Sabía que O'Connor y la mujer habían llegado muy temprano. Se habían dirigido arriba sin dar ningún rodeo y desde entonces no habían vuelto a asomar la cabeza.
Pero de repente vio a ambos salir del ascensor y caminar en dirección a la salida.
«Unas piernas muy largas —pensó Gruschkov—. Muy bonitas.»
Sorbió el resto del capuchino, se puso de pie y los siguió. Se acercaron a un taxi. Gruschkov caminó delante del coche hasta el final de la salida y subió al Audi aparcado allí. En el momento en que accionó el contacto, el taxi le pasó por el lado.

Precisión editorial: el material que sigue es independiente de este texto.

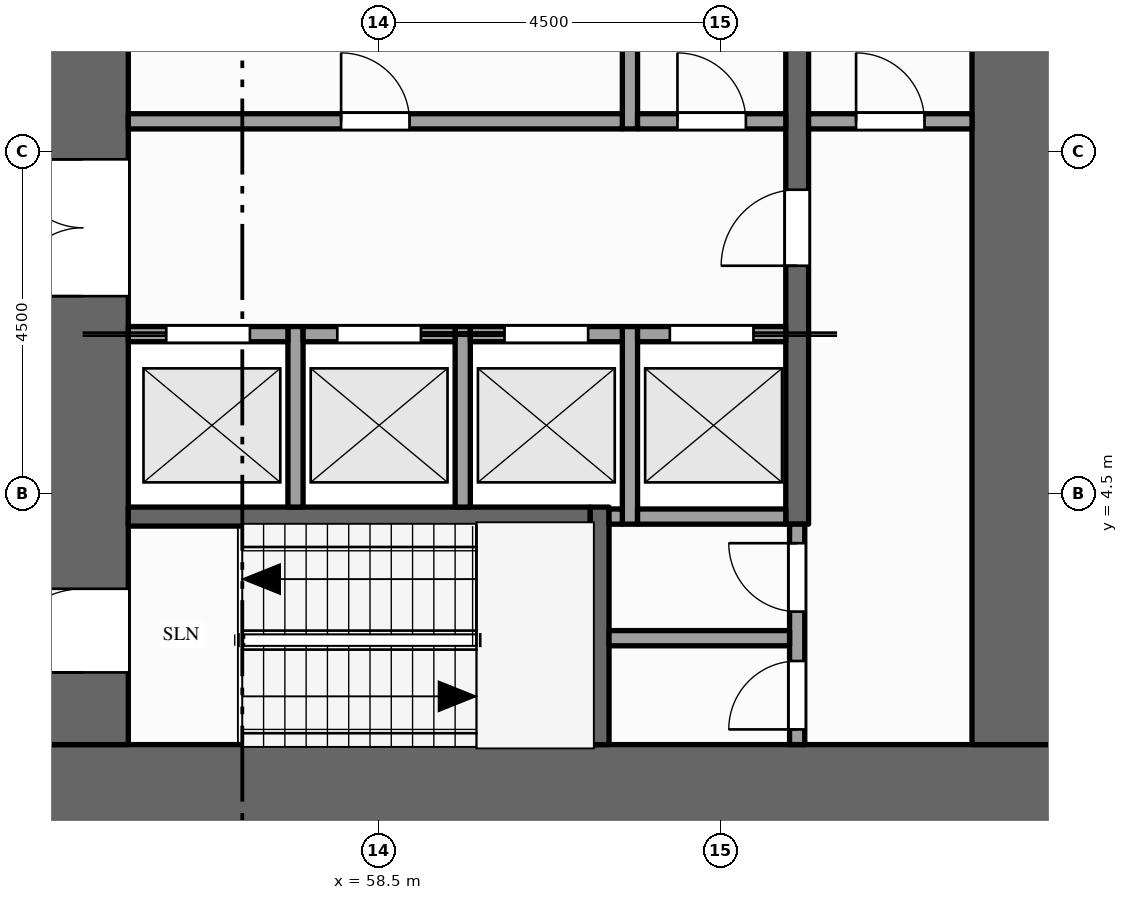
"""IFC4 building model, lengths in metres.
Left out: names, types, materials, properties, quantities, classifications, styles, units other than length and angle.
Written with IfcOpenShell. Run it as: python <this file> out.ifc"""

import sys

from ifc_helpers import new_model, si_unit, direction, frame, frame_2d, origin, place, context, subcontext, project, spatial, rectangle, extrude, element, fill, save


model = new_model("IFC4")
c1 = context("Model", 3, precision=1e-05, world=origin(), true_north=direction((0.0, 1.0)))
c2 = subcontext(c1, "Body", "Model", "MODEL_VIEW")
j1 = project(units=[si_unit("LENGTHUNIT", "METRE"), si_unit("PLANEANGLEUNIT", "RADIAN")], contexts=[c1])
p1 = place(None, origin())
s1 = spatial("IfcSite", under=j1, at=p1, CompositionType="ELEMENT")
p2 = place(p1, origin())
s2 = spatial("IfcBuilding", under=s1, at=p2, CompositionType="ELEMENT")
p3 = place(p2, frame((0.0, 0.0, 119.0)))
s3 = spatial("IfcBuildingStorey", under=s2, at=p3, CompositionType="ELEMENT", Elevation=119.0)
p4 = place(p3, frame((67.5, 0.6, -0.15), z_axis=(0.0, 0.0, 1.0), x_axis=(-1.0, 0.0, 0.0)))
e1 = element("IfcWall", 1, at=p4, inside=s3, PredefinedType="SHEAR", context=c2, shape_type="SweptSolid", body=[
    extrude(rectangle(XDim=13.5, YDim=1.2, at=frame_2d((6.75, 0.0))), origin(), (0.0, 0.0, 1.0), 4.0),
])
p5 = place(p3, frame((54.6, 1.2, -0.15), z_axis=(0.0, 0.0, 1.0), x_axis=(0.0, 1.0, 0.0)))
e2 = element("IfcWall", 2, at=p5, inside=s3, PredefinedType="SHEAR", context=c2, shape_type="SweptSolid", body=[
    extrude(rectangle(XDim=20.1, YDim=1.2, at=frame_2d((10.05, 0.0))), origin(), (0.0, 0.0, 1.0), 4.0),
])
p6 = place(p5, frame((5.9, 0.0, 0.15)))
e3 = element("IfcOpeningElement", 3, at=p6, cuts=e2, PredefinedType="OPENING", context=c2, shape_type="SweptSolid", body=[
    extrude(rectangle(XDim=1.8, YDim=2.1, at=frame_2d((0.9, 1.05))), frame((0.0, 0.61, 0.0), z_axis=(0.0, -1.0, 0.0), x_axis=(1.0, 0.0, 0.0)), (0.0, 0.0, 1.0), 1.22),
])
p7 = place(p5, frame((11.95, 0.0, 0.15)))
e4 = element("IfcOpeningElement", 4, at=p7, cuts=e2, PredefinedType="OPENING", context=c2, shape_type="SweptSolid", body=[
    extrude(rectangle(XDim=1.1, YDim=2.1, at=frame_2d((0.55, 1.05))), frame((0.0, 0.61, 0.0), z_axis=(0.0, -1.0, 0.0), x_axis=(1.0, 0.0, 0.0)), (0.0, 0.0, 1.0), 1.22),
])
p8 = place(p5, frame((0.95, 0.0, 0.15)))
e5 = element("IfcOpeningElement", 5, at=p8, cuts=e2, PredefinedType="OPENING", context=c2, shape_type="SweptSolid", body=[
    extrude(rectangle(XDim=1.1, YDim=2.1, at=frame_2d((0.55, 1.05))), frame((0.0, 0.61, 0.0), z_axis=(0.0, -1.0, 0.0), x_axis=(1.0, 0.0, 0.0)), (0.0, 0.0, 1.0), 1.22),
])
p9 = place(p5, frame((18.15, 0.0, 0.15)))
e6 = element("IfcOpeningElement", 6, at=p9, cuts=e2, PredefinedType="OPENING", context=c2, shape_type="SweptSolid", body=[
    extrude(rectangle(XDim=1.1, YDim=2.1, at=frame_2d((0.55, 1.05))), frame((0.0, 0.61, 0.0), z_axis=(0.0, -1.0, 0.0), x_axis=(1.0, 0.0, 0.0)), (0.0, 0.0, 1.0), 1.22),
])
p10 = place(p3, frame((66.9, 1.2, -0.15), z_axis=(0.0, 0.0, 1.0), x_axis=(0.0, 1.0, 0.0)))
e7 = element("IfcWall", 7, at=p10, inside=s3, PredefinedType="SHEAR", context=c2, shape_type="SweptSolid", body=[
    extrude(rectangle(XDim=20.1, YDim=1.2, at=frame_2d((10.05, 0.0))), origin(), (0.0, 0.0, 1.0), 4.0),
])
for number, where, z_axis, x_axis in (
    (8, (57.4, 4.325, 0.0), (0.0, 0.0, 1.0), (0.0, 1.0, 0.0)),
    (9, (59.6, 4.325, 0.0), (0.0, 0.0, 1.0), (0.0, 1.0, 0.0)),
):
    element("IfcWall", number, at=place(p3, frame(where, z_axis=z_axis, x_axis=x_axis)), inside=s3, PredefinedType="SOLIDWALL", context=c2, shape_type="SweptSolid", body=[
        extrude(rectangle(XDim=2.375, YDim=0.2, at=frame_2d((1.188, 0.0))), origin(), (0.0, 0.0, 1.0), 3.85),
    ])
p11 = place(p3, frame((61.4, 1.2, 0.0), z_axis=(0.0, 0.0, 1.0), x_axis=(0.0, 1.0, 0.0)))
e10 = element("IfcWall", 10, at=p11, inside=s3, PredefinedType="SHEAR", context=c2, shape_type="SweptSolid", body=[
    extrude(rectangle(XDim=3.125, YDim=0.25, at=frame_2d((1.562, 0.0))), origin(), (0.0, 0.0, 1.0), 3.85),
])
p12 = place(p3, frame((61.8, 4.1, 0.0), z_axis=(0.0, 0.0, 1.0), x_axis=(0.0, 1.0, 0.0)))
e11 = element("IfcWall", 11, at=p12, inside=s3, PredefinedType="SOLIDWALL", context=c2, shape_type="SweptSolid", body=[
    extrude(rectangle(XDim=2.6, YDim=0.2, at=frame_2d((1.3, 0.0))), origin(), (0.0, 0.0, 1.0), 3.85),
])
p13 = place(p3, frame((61.8, 9.3, 0.0), z_axis=(0.0, 0.0, 1.0), x_axis=(0.0, 1.0, 0.0)))
e12 = element("IfcWall", 12, at=p13, inside=s3, PredefinedType="PARTITIONING", context=c2, shape_type="SweptSolid", body=[
    extrude(rectangle(XDim=2.6, YDim=0.2, at=frame_2d((1.3, 0.0))), origin(), (0.0, 0.0, 1.0), 3.85),
])
p14 = place(p3, frame((64.0, 1.2, 0.0), z_axis=(0.0, 0.0, 1.0), x_axis=(0.0, 1.0, 0.0)))
e13 = element("IfcWall", 13, at=p14, inside=s3, PredefinedType="PARTITIONING", context=c2, shape_type="SweptSolid", body=[
    extrude(rectangle(XDim=2.9, YDim=0.2, at=frame_2d((1.45, 0.0))), origin(), (0.0, 0.0, 1.0), 3.85),
])
p15 = place(p14, frame((0.2, 0.0, 0.0)))
e14 = element("IfcOpeningElement", 14, at=p15, cuts=e13, PredefinedType="OPENING", context=c2, shape_type="SweptSolid", body=[
    extrude(rectangle(XDim=0.9, YDim=2.1, at=frame_2d((0.45, 1.05))), frame((0.0, 0.11, 0.0), z_axis=(0.0, -1.0, 0.0), x_axis=(1.0, 0.0, 0.0)), (0.0, 0.0, 1.0), 0.22),
])
p16 = place(p14, frame((1.75, 0.0, 0.0)))
e15 = element("IfcOpeningElement", 15, at=p16, cuts=e13, PredefinedType="OPENING", context=c2, shape_type="SweptSolid", body=[
    extrude(rectangle(XDim=0.9, YDim=2.1, at=frame_2d((0.45, 1.05))), frame((0.0, 0.11, 0.0), z_axis=(0.0, -1.0, 0.0), x_axis=(1.0, 0.0, 0.0)), (0.0, 0.0, 1.0), 0.22),
])
p17 = place(p3, frame((64.0, 4.1, 0.0), z_axis=(0.0, 0.0, 1.0), x_axis=(0.0, 1.0, 0.0)))
e16 = element("IfcWall", 16, at=p17, inside=s3, PredefinedType="SHEAR", context=c2, shape_type="SweptSolid", body=[
    extrude(rectangle(XDim=14.5, YDim=0.3, at=frame_2d((7.25, 0.0))), origin(), (0.0, 0.0, 1.0), 3.85),
])
p18 = place(p17, frame((3.4, 0.0, 0.0)))
e17 = element("IfcOpeningElement", 17, at=p18, cuts=e16, PredefinedType="OPENING", context=c2, shape_type="SweptSolid", body=[
    extrude(rectangle(XDim=1.0, YDim=2.1, at=frame_2d((0.5, 1.05))), frame((0.0, 0.16, 0.0), z_axis=(0.0, -1.0, 0.0), x_axis=(1.0, 0.0, 0.0)), (0.0, 0.0, 1.0), 0.32),
])
p19 = place(p17, frame((9.1, 0.0, 0.0)))
e18 = element("IfcOpeningElement", 18, at=p19, cuts=e16, PredefinedType="OPENING", context=c2, shape_type="SweptSolid", body=[
    extrude(rectangle(XDim=1.0, YDim=2.1, at=frame_2d((0.5, 1.05))), frame((0.0, 0.16, 0.0), z_axis=(0.0, -1.0, 0.0), x_axis=(1.0, 0.0, 0.0)), (0.0, 0.0, 1.0), 0.32),
])
p20 = place(p3, frame((61.525, 2.6, 0.0), z_axis=(0.0, 0.0, 1.0), x_axis=(1.0, 0.0, 0.0)))
e19 = element("IfcWall", 19, at=p20, inside=s3, PredefinedType="PARTITIONING", context=c2, shape_type="SweptSolid", body=[
    extrude(rectangle(XDim=2.375, YDim=0.2, at=frame_2d((1.188, 0.0))), origin(), (0.0, 0.0, 1.0), 3.85),
])
p21 = place(p3, frame((55.2, 4.2, 0.0), z_axis=(0.0, 0.0, 1.0), x_axis=(1.0, 0.0, 0.0)))
e20 = element("IfcWall", 20, at=p21, inside=s3, PredefinedType="SHEAR", context=c2, shape_type="SweptSolid", body=[
    extrude(rectangle(XDim=6.075, YDim=0.25, at=frame_2d((3.038, 0.0))), origin(), (0.0, 0.0, 1.0), 3.85),
])
p22 = place(p3, frame((61.525, 4.2, 0.0), z_axis=(0.0, 0.0, 1.0), x_axis=(1.0, 0.0, 0.0)))
e21 = element("IfcWall", 21, at=p22, inside=s3, PredefinedType="SOLIDWALL", context=c2, shape_type="SweptSolid", body=[
    extrude(rectangle(XDim=0.175, YDim=0.2, at=frame_2d((0.087, 0.0))), origin(), (0.0, 0.0, 1.0), 3.85),
])
p23 = place(p3, frame((61.9, 4.2, 0.0), z_axis=(0.0, 0.0, 1.0), x_axis=(1.0, 0.0, 0.0)))
e22 = element("IfcWall", 22, at=p23, inside=s3, PredefinedType="SOLIDWALL", context=c2, shape_type="SweptSolid", body=[
    extrude(rectangle(XDim=1.95, YDim=0.2, at=frame_2d((0.975, 0.0))), origin(), (0.0, 0.0, 1.0), 3.85),
])
p24 = place(p3, frame((55.2, 6.6, 0.0), z_axis=(0.0, 0.0, 1.0), x_axis=(1.0, 0.0, 0.0)))
e23 = element("IfcWall", 23, at=p24, inside=s3, PredefinedType="SOLIDWALL", context=c2, shape_type="SweptSolid", body=[
    extrude(rectangle(XDim=2.1, YDim=0.2, at=frame_2d((1.05, 0.0))), origin(), (0.0, 0.0, 1.0), 3.85),
])
p25 = place(p24, frame((0.5, 0.0, 0.012)))
e24 = element("IfcOpeningElement", 24, at=p25, cuts=e23, PredefinedType="OPENING", context=c2, shape_type="SweptSolid", body=[
    extrude(rectangle(XDim=1.1, YDim=2.1, at=frame_2d((0.55, 1.05))), frame((0.0, 0.11, 0.0), z_axis=(0.0, -1.0, 0.0), x_axis=(1.0, 0.0, 0.0)), (0.0, 0.0, 1.0), 0.22),
])
p26 = place(p3, frame((57.5, 6.6, 0.0), z_axis=(0.0, 0.0, 1.0), x_axis=(1.0, 0.0, 0.0)))
e25 = element("IfcWall", 25, at=p26, inside=s3, PredefinedType="SOLIDWALL", context=c2, shape_type="SweptSolid", body=[
    extrude(rectangle(XDim=2.0, YDim=0.2, at=frame_2d((1.0, 0.0))), origin(), (0.0, 0.0, 1.0), 3.85),
])
p27 = place(p26, frame((0.45, 0.0, 0.012)))
e26 = element("IfcOpeningElement", 26, at=p27, cuts=e25, PredefinedType="OPENING", context=c2, shape_type="SweptSolid", body=[
    extrude(rectangle(XDim=1.1, YDim=2.1, at=frame_2d((0.55, 1.05))), frame((0.0, 0.11, 0.0), z_axis=(0.0, -1.0, 0.0), x_axis=(1.0, 0.0, 0.0)), (0.0, 0.0, 1.0), 0.22),
])
p28 = place(p3, frame((59.7, 6.6, 0.0), z_axis=(0.0, 0.0, 1.0), x_axis=(1.0, 0.0, 0.0)))
e27 = element("IfcWall", 27, at=p28, inside=s3, PredefinedType="SOLIDWALL", context=c2, shape_type="SweptSolid", body=[
    extrude(rectangle(XDim=2.0, YDim=0.2, at=frame_2d((1.0, 0.0))), origin(), (0.0, 0.0, 1.0), 3.85),
])
p29 = place(p28, frame((0.45, 0.0, 0.012)))
e28 = element("IfcOpeningElement", 28, at=p29, cuts=e27, PredefinedType="OPENING", context=c2, shape_type="SweptSolid", body=[
    extrude(rectangle(XDim=1.1, YDim=2.1, at=frame_2d((0.55, 1.05))), frame((0.0, 0.11, 0.0), z_axis=(0.0, -1.0, 0.0), x_axis=(1.0, 0.0, 0.0)), (0.0, 0.0, 1.0), 0.22),
])
p30 = place(p3, frame((61.9, 6.6, 0.0), z_axis=(0.0, 0.0, 1.0), x_axis=(1.0, 0.0, 0.0)))
e29 = element("IfcWall", 29, at=p30, inside=s3, PredefinedType="SOLIDWALL", context=c2, shape_type="SweptSolid", body=[
    extrude(rectangle(XDim=1.95, YDim=0.2, at=frame_2d((0.975, 0.0))), origin(), (0.0, 0.0, 1.0), 3.85),
])
p31 = place(p30, frame((0.425, 0.0, 0.012)))
e30 = element("IfcOpeningElement", 30, at=p31, cuts=e29, PredefinedType="OPENING", context=c2, shape_type="SweptSolid", body=[
    extrude(rectangle(XDim=1.1, YDim=2.1, at=frame_2d((0.55, 1.05))), frame((0.0, 0.11, 0.0), z_axis=(0.0, -1.0, 0.0), x_axis=(1.0, 0.0, 0.0)), (0.0, 0.0, 1.0), 0.22),
])
p32 = place(p3, frame((55.2, 9.4, 0.0), z_axis=(0.0, 0.0, 1.0), x_axis=(1.0, 0.0, 0.0)))
e31 = element("IfcWall", 31, at=p32, inside=s3, PredefinedType="PARTITIONING", context=c2, shape_type="SweptSolid", body=[
    extrude(rectangle(XDim=6.5, YDim=0.2, at=frame_2d((3.25, 0.0))), origin(), (0.0, 0.0, 1.0), 3.85),
])
p33 = place(p32, frame((2.8, 0.0, 0.0)))
e32 = element("IfcOpeningElement", 32, at=p33, cuts=e31, PredefinedType="OPENING", context=c2, shape_type="SweptSolid", body=[
    extrude(rectangle(XDim=0.9, YDim=2.1, at=frame_2d((0.45, 1.05))), frame((0.0, 0.11, 0.0), z_axis=(0.0, -1.0, 0.0), x_axis=(1.0, 0.0, 0.0)), (0.0, 0.0, 1.0), 0.22),
])
p34 = place(p3, frame((61.9, 9.4, 0.0), z_axis=(0.0, 0.0, 1.0), x_axis=(1.0, 0.0, 0.0)))
e33 = element("IfcWall", 33, at=p34, inside=s3, PredefinedType="PARTITIONING", context=c2, shape_type="SweptSolid", body=[
    extrude(rectangle(XDim=1.95, YDim=0.2, at=frame_2d((0.975, 0.0))), origin(), (0.0, 0.0, 1.0), 3.85),
])
p35 = place(p34, frame((0.525, 0.0, 0.0)))
e34 = element("IfcOpeningElement", 34, at=p35, cuts=e33, PredefinedType="OPENING", context=c2, shape_type="SweptSolid", body=[
    extrude(rectangle(XDim=0.9, YDim=2.1, at=frame_2d((0.45, 1.05))), frame((0.0, 0.11, 0.0), z_axis=(0.0, -1.0, 0.0), x_axis=(1.0, 0.0, 0.0)), (0.0, 0.0, 1.0), 0.22),
])
p36 = place(p3, frame((64.15, 9.4, 0.0), z_axis=(0.0, 0.0, 1.0), x_axis=(1.0, 0.0, 0.0)))
e35 = element("IfcWall", 35, at=p36, inside=s3, PredefinedType="PARTITIONING", context=c2, shape_type="SweptSolid", body=[
    extrude(rectangle(XDim=2.15, YDim=0.2, at=frame_2d((1.075, 0.0))), origin(), (0.0, 0.0, 1.0), 3.85),
])
p37 = place(p36, frame((0.625, 0.0, 0.0)))
e36 = element("IfcOpeningElement", 36, at=p37, cuts=e35, PredefinedType="OPENING", context=c2, shape_type="SweptSolid", body=[
    extrude(rectangle(XDim=0.9, YDim=2.1, at=frame_2d((0.45, 1.05))), frame((0.0, 0.11, 0.0), z_axis=(0.0, -1.0, 0.0), x_axis=(1.0, 0.0, 0.0)), (0.0, 0.0, 1.0), 0.22),
])
p38 = place(p25, origin())
e37 = element("IfcDoor", 37, at=p38, inside=s3, OperationType="SLIDING_TO_LEFT", PredefinedType="DOOR", context=c2, shape_type="SweptSolid", body=[
    extrude(rectangle(XDim=1.1, YDim=2.1, at=frame_2d((0.55, 1.05))), frame((0.0, 0.025, 0.0), z_axis=(0.0, -1.0, 0.0), x_axis=(1.0, 0.0, 0.0)), (0.0, 0.0, 1.0), 0.05),
])
fill(e24, e37)
p39 = place(p27, origin())
e38 = element("IfcDoor", 38, at=p39, inside=s3, OperationType="SLIDING_TO_RIGHT", PredefinedType="DOOR", context=c2, shape_type="SweptSolid", body=[
    extrude(rectangle(XDim=1.1, YDim=2.1, at=frame_2d((0.55, 1.05))), frame((0.0, 0.025, 0.0), z_axis=(0.0, -1.0, 0.0), x_axis=(1.0, 0.0, 0.0)), (0.0, 0.0, 1.0), 0.05),
])
fill(e26, e38)
p40 = place(p29, origin())
e39 = element("IfcDoor", 39, at=p40, inside=s3, OperationType="SLIDING_TO_LEFT", PredefinedType="DOOR", context=c2, shape_type="SweptSolid", body=[
    extrude(rectangle(XDim=1.1, YDim=2.1, at=frame_2d((0.55, 1.05))), frame((0.0, 0.025, 0.0), z_axis=(0.0, -1.0, 0.0), x_axis=(1.0, 0.0, 0.0)), (0.0, 0.0, 1.0), 0.05),
])
fill(e28, e39)
p41 = place(p31, origin())
e40 = element("IfcDoor", 40, at=p41, inside=s3, OperationType="SLIDING_TO_RIGHT", PredefinedType="DOOR", context=c2, shape_type="SweptSolid", body=[
    extrude(rectangle(XDim=1.1, YDim=2.1, at=frame_2d((0.55, 1.05))), frame((0.0, 0.025, 0.0), z_axis=(0.0, -1.0, 0.0), x_axis=(1.0, 0.0, 0.0)), (0.0, 0.0, 1.0), 0.05),
])
fill(e30, e40)
p42 = place(p6, origin())
e41 = element("IfcDoor", 41, at=p42, inside=s3, OperationType="DOUBLE_DOOR_SINGLE_SWING", PredefinedType="DOOR", context=c2, shape_type="SweptSolid", body=[
    extrude(rectangle(XDim=1.8, YDim=2.1, at=frame_2d((0.9, 1.05))), frame((0.0, 0.025, 0.0), z_axis=(0.0, -1.0, 0.0), x_axis=(1.0, 0.0, 0.0)), (0.0, 0.0, 1.0), 0.05),
])
fill(e3, e41)
p43 = place(p18, origin())
e42 = element("IfcDoor", 42, at=p43, inside=s3, OperationType="SINGLE_SWING_LEFT", PredefinedType="DOOR", context=c2, shape_type="SweptSolid", body=[
    extrude(rectangle(XDim=1.0, YDim=2.1, at=frame_2d((0.5, 1.05))), frame((0.0, 0.025, 0.0), z_axis=(0.0, -1.0, 0.0), x_axis=(1.0, 0.0, 0.0)), (0.0, 0.0, 1.0), 0.05),
])
fill(e17, e42)
p44 = place(p37, origin())
e43 = element("IfcDoor", 43, at=p44, inside=s3, OperationType="SINGLE_SWING_LEFT", PredefinedType="DOOR", context=c2, shape_type="SweptSolid", body=[
    extrude(rectangle(XDim=0.9, YDim=2.1, at=frame_2d((0.45, 1.05))), frame((0.0, 0.025, 0.0), z_axis=(0.0, -1.0, 0.0), x_axis=(1.0, 0.0, 0.0)), (0.0, 0.0, 1.0), 0.05),
])
fill(e36, e43)
p45 = place(p8, origin())
e44 = element("IfcDoor", 44, at=p45, inside=s3, OperationType="SINGLE_SWING_LEFT", PredefinedType="DOOR", context=c2, shape_type="SweptSolid", body=[
    extrude(rectangle(XDim=1.1, YDim=2.1, at=frame_2d((0.55, 1.05))), frame((0.0, 0.025, 0.0), z_axis=(0.0, -1.0, 0.0), x_axis=(1.0, 0.0, 0.0)), (0.0, 0.0, 1.0), 0.05),
])
fill(e5, e44)
p46 = place(p15, origin())
e45 = element("IfcDoor", 45, at=p46, inside=s3, OperationType="SINGLE_SWING_LEFT", PredefinedType="DOOR", context=c2, shape_type="SweptSolid", body=[
    extrude(rectangle(XDim=0.9, YDim=2.1, at=frame_2d((0.45, 1.05))), frame((0.0, 0.025, 0.0), z_axis=(0.0, -1.0, 0.0), x_axis=(1.0, 0.0, 0.0)), (0.0, 0.0, 1.0), 0.05),
])
fill(e14, e45)
p47 = place(p16, origin())
e46 = element("IfcDoor", 46, at=p47, inside=s3, OperationType="SINGLE_SWING_RIGHT", PredefinedType="DOOR", context=c2, shape_type="SweptSolid", body=[
    extrude(rectangle(XDim=0.9, YDim=2.1, at=frame_2d((0.45, 1.05))), frame((0.0, 0.025, 0.0), z_axis=(0.0, -1.0, 0.0), x_axis=(1.0, 0.0, 0.0)), (0.0, 0.0, 1.0), 0.05),
])
fill(e15, e46)
p48 = place(p33, origin())
e47 = element("IfcDoor", 47, at=p48, inside=s3, OperationType="SINGLE_SWING_LEFT", PredefinedType="DOOR", context=c2, shape_type="SweptSolid", body=[
    extrude(rectangle(XDim=0.9, YDim=2.1, at=frame_2d((0.45, 1.05))), frame((0.0, 0.025, 0.0), z_axis=(0.0, -1.0, 0.0), x_axis=(1.0, 0.0, 0.0)), (0.0, 0.0, 1.0), 0.05),
])
fill(e32, e47)
p49 = place(p35, origin())
e48 = element("IfcDoor", 48, at=p49, inside=s3, OperationType="SINGLE_SWING_LEFT", PredefinedType="DOOR", context=c2, shape_type="SweptSolid", body=[
    extrude(rectangle(XDim=0.9, YDim=2.1, at=frame_2d((0.45, 1.05))), frame((0.0, 0.025, 0.0), z_axis=(0.0, -1.0, 0.0), x_axis=(1.0, 0.0, 0.0)), (0.0, 0.0, 1.0), 0.05),
])
fill(e34, e48)
save(model, sys.argv[1])

Sin ninguna prisa, fue esquivando el tráfico y siguiendo al coche, dejando para ello cierto intervalo de separación y permitiendo que otros coches se interpusieran entre él y el taxi. En su fuero interno, le divertía asumir este papel tan poco habitual. Maxim Gruschkov, quien era buscado en Rusia con una orden de arresto por haber asesinado a su esposa, y que en los años siguientes había ayudado a matar a más de una docena de personas, se sentía como en una película policíaca.
¡Siga a ese coche!
Era una manera de distraerse. A la larga, la labor de pensar solamente era demasiado ardua.
Luego le vino a la memoria la situación en la que se encontraban y sintió que toda la diversión se esfumaba.
El taxi cruzó a la otra orilla del Rin y dobló en dirección a la autopista del aeropuerto.
Gruschkov pisó el acelerador. Por lo que parecía, los temores de Jana estaban a punto de confirmarse. Durante un rato avanzaron a través del denso tráfico, hasta que el taxi tomó el desvío hacia el aeropuerto y los dos coches viajaron por la vía de acceso al mismo.
Algunos carteles empezaron a aparecer. Llegadas, salidas, indicadores para acceder a los aparcamientos.
Pero el taxi no tomó ninguna de esas direcciones. En lugar de ello, desapareció en una calle lateral mucho antes de llegar al complejo de edificios de la terminal aérea. Gruschkov frenó el Audi y recorrió lentamente esa calle, la cual describía una curva, pasaba junto al edificio administrativo y continuaba hasta un edificio de una sola planta.
Conocía el edificio delante del cual O'Connor y Wagner se bajaron del taxi. Cada uno de ellos conocía el aeropuerto como la palma de su mano. Sin perder más tiempo, pasó de largo junto al edificio de una sola planta, se detuvo más adelante a la izquierda, cruzó la vía de acceso y regresó a la autovía.
Aquel edificio albergaba la comisaría de policía del aeropuerto.
Gruschkov llamó a Jana.
Eric Lavallier estaba apoyado hacia atrás y observaba con los ojos entornados a la mujer y al hombre que estaban al otro lado del escritorio.
Con cada palabra que salía de sus bocas, se sentían los vapores de sus excesos nocturnos. Sentada en su silla, Kirsten Wagner —¿o acaso se llamaba Katharina?— daba la impresión de ser un pájaro que acababa de escaparse de su nido. Por lo visto padecía un intenso dolor de cabeza. Tenía los ojos hinchados y la expresión demacrada. Parecía que le daba tres vueltas en la boca a cada frase, para luego soltarla con enormes dificultades. A diferencia de ella, el hombre que le había sido presentado como el doctor Liam O'Connor se expresaba de una manera sorprendentemente clara y coherente. Se había negado a tomar asiento y se movía constantemente por la habitación de un lado a otro. Tenía un aspecto cuidado y un aire cultivado. Lavallier, que no tenía ningún interés en los asuntos relacionados con la moda, se dio cuenta de la perfecta caída de su traje gris plateado, el cual, probablemente, tenía que haber sido terriblemente caro. Asimismo, sabía que el tal O'Connor escribía novelas y gozaba de una gran popularidad internacional. Entraba dentro de la categoría de los artistas, y disfrutaba del privilegio de oler a alcohol y de poder meter la pata sin perder de inmediato el reconocimiento social.